I am surprised it took this long to realize that no one would watch this channel in HD or otherwise…

And what is Veria?


----------



## jclewter79 (Jan 8, 2008)

It is whatever I guess. When I had the platinum pack I watched it all the time. I doubt Veria does that much better but, who knows. I liked the channel but I have not even had platinum for a while so I guess it was not that great.


----------



## DavidMi (Aug 24, 2009)

Glad they got rid of the waste of HD channel... not that the new one is any better. Hopefully thay one does not last long too.


----------



## harsh (Jun 15, 2003)

Rduce said:


> And what is Veria?


Yoghurt and yoga.

http://www.veria.com/


----------



## Paul Secic (Dec 16, 2003)

bluegras said:


> i wanted to let you know that WFNHD is gone according they say its low viewership.Please call Dish Network and demand they add WFNHD back onto Dish Network.
> 
> Bluegras


Good! I hope they get something better!


----------



## koji68 (Jun 21, 2004)

harsh said:


> Yoghurt and yoga.


They have some nice pictures of girls working out

http://www.veria.com/weight-loss-tips-remedies-natural-weight-loss.html


----------



## gpollock87 (Apr 13, 2011)

Paul Secic said:


> Good! I hope they get something better!

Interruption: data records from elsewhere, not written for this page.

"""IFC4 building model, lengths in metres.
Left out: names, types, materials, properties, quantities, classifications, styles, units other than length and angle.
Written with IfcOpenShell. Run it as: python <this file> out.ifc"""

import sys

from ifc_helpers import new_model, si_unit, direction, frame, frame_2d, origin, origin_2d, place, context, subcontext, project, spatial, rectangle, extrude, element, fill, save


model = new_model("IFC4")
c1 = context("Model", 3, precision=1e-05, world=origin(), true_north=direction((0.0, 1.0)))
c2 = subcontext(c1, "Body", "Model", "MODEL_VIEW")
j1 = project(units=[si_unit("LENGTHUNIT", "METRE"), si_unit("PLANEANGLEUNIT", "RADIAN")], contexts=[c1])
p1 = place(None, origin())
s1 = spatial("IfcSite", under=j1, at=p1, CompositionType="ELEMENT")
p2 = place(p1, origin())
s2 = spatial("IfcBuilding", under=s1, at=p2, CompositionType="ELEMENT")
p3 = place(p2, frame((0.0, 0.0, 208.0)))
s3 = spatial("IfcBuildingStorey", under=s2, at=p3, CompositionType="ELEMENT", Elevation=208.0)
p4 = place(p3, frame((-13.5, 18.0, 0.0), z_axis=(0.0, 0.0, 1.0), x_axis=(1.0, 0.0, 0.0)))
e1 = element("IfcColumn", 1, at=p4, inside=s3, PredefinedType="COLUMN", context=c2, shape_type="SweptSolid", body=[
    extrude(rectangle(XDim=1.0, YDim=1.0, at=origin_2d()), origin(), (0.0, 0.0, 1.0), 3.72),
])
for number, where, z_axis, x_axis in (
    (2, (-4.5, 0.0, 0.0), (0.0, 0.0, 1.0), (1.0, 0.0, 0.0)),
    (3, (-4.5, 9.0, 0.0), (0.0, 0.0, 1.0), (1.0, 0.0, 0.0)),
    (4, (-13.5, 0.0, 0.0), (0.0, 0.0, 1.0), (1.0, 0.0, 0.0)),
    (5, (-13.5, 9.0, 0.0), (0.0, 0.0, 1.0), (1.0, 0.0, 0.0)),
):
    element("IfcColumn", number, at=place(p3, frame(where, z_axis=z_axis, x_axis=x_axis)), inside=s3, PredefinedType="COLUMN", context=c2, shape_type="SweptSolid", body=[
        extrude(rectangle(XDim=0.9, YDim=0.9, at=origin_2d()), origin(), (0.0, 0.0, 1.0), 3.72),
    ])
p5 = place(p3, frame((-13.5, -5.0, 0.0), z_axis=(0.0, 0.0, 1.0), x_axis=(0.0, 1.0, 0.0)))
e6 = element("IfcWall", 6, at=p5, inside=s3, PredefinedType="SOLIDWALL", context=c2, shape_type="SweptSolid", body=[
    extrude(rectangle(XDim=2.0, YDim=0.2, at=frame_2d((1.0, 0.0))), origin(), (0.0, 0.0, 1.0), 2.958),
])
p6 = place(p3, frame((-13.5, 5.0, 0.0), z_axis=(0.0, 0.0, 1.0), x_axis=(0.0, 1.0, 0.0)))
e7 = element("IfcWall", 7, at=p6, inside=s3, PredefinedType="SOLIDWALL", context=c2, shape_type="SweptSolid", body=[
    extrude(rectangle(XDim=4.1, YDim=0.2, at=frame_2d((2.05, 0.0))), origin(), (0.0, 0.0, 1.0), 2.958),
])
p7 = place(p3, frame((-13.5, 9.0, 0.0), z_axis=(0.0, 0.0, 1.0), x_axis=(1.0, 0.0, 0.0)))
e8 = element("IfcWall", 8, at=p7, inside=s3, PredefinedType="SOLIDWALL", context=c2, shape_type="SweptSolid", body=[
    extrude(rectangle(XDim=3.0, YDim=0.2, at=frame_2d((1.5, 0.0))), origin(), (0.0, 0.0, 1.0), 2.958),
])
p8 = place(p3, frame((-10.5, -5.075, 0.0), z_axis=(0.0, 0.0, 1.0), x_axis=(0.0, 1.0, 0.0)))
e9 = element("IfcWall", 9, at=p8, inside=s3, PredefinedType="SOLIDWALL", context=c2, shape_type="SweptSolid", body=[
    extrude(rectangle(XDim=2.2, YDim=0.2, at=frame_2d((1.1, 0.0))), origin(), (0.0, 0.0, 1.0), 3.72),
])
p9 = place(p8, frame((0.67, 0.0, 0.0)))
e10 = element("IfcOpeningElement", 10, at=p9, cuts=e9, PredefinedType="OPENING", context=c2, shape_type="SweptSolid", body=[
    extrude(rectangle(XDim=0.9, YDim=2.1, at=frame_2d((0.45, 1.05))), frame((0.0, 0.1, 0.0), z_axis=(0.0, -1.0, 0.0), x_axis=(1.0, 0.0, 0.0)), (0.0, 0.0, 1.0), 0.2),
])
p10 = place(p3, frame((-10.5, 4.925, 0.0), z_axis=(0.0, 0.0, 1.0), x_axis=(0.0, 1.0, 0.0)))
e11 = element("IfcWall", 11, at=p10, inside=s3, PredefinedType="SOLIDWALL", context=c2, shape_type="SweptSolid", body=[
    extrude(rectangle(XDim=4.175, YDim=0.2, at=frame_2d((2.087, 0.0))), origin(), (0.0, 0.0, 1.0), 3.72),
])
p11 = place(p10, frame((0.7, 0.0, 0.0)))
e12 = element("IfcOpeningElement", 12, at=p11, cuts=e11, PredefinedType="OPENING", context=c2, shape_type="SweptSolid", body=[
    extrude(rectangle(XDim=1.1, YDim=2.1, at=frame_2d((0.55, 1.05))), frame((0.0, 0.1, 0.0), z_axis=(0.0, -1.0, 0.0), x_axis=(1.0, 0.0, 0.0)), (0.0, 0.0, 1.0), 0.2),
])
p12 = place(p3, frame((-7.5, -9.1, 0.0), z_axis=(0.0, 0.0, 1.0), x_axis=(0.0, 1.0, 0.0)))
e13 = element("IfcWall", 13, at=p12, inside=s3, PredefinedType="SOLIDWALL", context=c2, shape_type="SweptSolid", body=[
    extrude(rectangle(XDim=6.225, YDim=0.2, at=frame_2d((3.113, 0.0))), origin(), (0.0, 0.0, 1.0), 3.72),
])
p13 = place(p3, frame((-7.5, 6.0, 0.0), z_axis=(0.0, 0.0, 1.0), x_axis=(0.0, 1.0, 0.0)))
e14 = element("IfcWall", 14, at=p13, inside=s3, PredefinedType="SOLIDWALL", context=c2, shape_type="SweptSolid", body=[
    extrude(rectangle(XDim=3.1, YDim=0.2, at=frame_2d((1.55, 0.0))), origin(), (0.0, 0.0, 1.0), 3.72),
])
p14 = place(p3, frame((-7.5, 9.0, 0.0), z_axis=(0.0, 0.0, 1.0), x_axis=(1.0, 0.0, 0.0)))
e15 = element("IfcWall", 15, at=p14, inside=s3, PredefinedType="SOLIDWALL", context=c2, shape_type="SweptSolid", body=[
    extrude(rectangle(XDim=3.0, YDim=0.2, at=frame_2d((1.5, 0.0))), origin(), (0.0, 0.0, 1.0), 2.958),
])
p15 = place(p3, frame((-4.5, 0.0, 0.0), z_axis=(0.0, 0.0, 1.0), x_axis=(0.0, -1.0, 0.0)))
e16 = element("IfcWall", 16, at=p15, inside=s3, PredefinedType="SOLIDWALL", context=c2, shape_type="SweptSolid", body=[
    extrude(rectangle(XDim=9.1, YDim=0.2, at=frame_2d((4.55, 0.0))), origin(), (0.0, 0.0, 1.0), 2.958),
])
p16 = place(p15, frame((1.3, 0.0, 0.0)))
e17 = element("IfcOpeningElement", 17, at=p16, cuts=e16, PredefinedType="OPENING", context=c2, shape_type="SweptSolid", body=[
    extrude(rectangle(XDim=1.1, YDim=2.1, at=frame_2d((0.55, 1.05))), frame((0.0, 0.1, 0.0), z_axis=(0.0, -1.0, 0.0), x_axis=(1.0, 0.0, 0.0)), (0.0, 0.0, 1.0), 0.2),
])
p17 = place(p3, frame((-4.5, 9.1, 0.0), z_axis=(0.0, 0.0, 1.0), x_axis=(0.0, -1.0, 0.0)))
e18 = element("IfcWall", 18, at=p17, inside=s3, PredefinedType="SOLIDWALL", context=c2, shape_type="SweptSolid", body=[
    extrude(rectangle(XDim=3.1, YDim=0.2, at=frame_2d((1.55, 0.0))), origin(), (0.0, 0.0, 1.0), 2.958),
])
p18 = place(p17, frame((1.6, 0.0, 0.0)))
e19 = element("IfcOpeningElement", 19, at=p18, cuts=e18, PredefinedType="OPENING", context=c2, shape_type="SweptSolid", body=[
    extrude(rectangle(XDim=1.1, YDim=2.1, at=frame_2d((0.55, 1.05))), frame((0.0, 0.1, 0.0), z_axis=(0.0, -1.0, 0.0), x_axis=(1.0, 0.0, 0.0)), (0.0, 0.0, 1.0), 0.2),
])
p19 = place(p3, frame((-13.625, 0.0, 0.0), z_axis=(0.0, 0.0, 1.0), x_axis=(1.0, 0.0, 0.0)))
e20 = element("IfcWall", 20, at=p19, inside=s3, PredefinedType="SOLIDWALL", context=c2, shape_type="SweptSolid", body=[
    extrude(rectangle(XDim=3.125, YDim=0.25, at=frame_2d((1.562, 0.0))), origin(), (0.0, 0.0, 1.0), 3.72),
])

i have a feeling there will be


----------



## tampa8 (Mar 30, 2002)

koji68 said:


> They have some nice pictures of girls working out
> 
> http://www.veria.com/weight-loss-tips-remedies-natural-weight-loss.html


That's just cruel. :lol:


----------



## MSoper72 (Jun 18, 2004)

bluegras said:


> i wanted to let you know that WFNHD is gone according they say its low viewership.Please call Dish Network and demand they add WFNHD back onto Dish Network.
> 
> Bluegras


I too want WFN-HD back.

I do not want to spend money for a HD tv, hd receiver, and HD programming to watch sd programming. Besides I am a avid fisherman.

I know there will be people that do not like the channel. Well there IS the channel lock out. As I lock out many channels including OWN.


----------



## Guest (Jun 8, 2011)

koji68 said:


> They have some nice pictures of girls working out
> 
> http://www.veria.com/weight-loss-tips-remedies-natural-weight-loss.html


that's worse than a cold shower.... :eek2:

"honey, I have a headache to night"


----------



## Michael P (Oct 27, 2004)

How do they know about "low viewership" unless our receivers are reporting what we watch?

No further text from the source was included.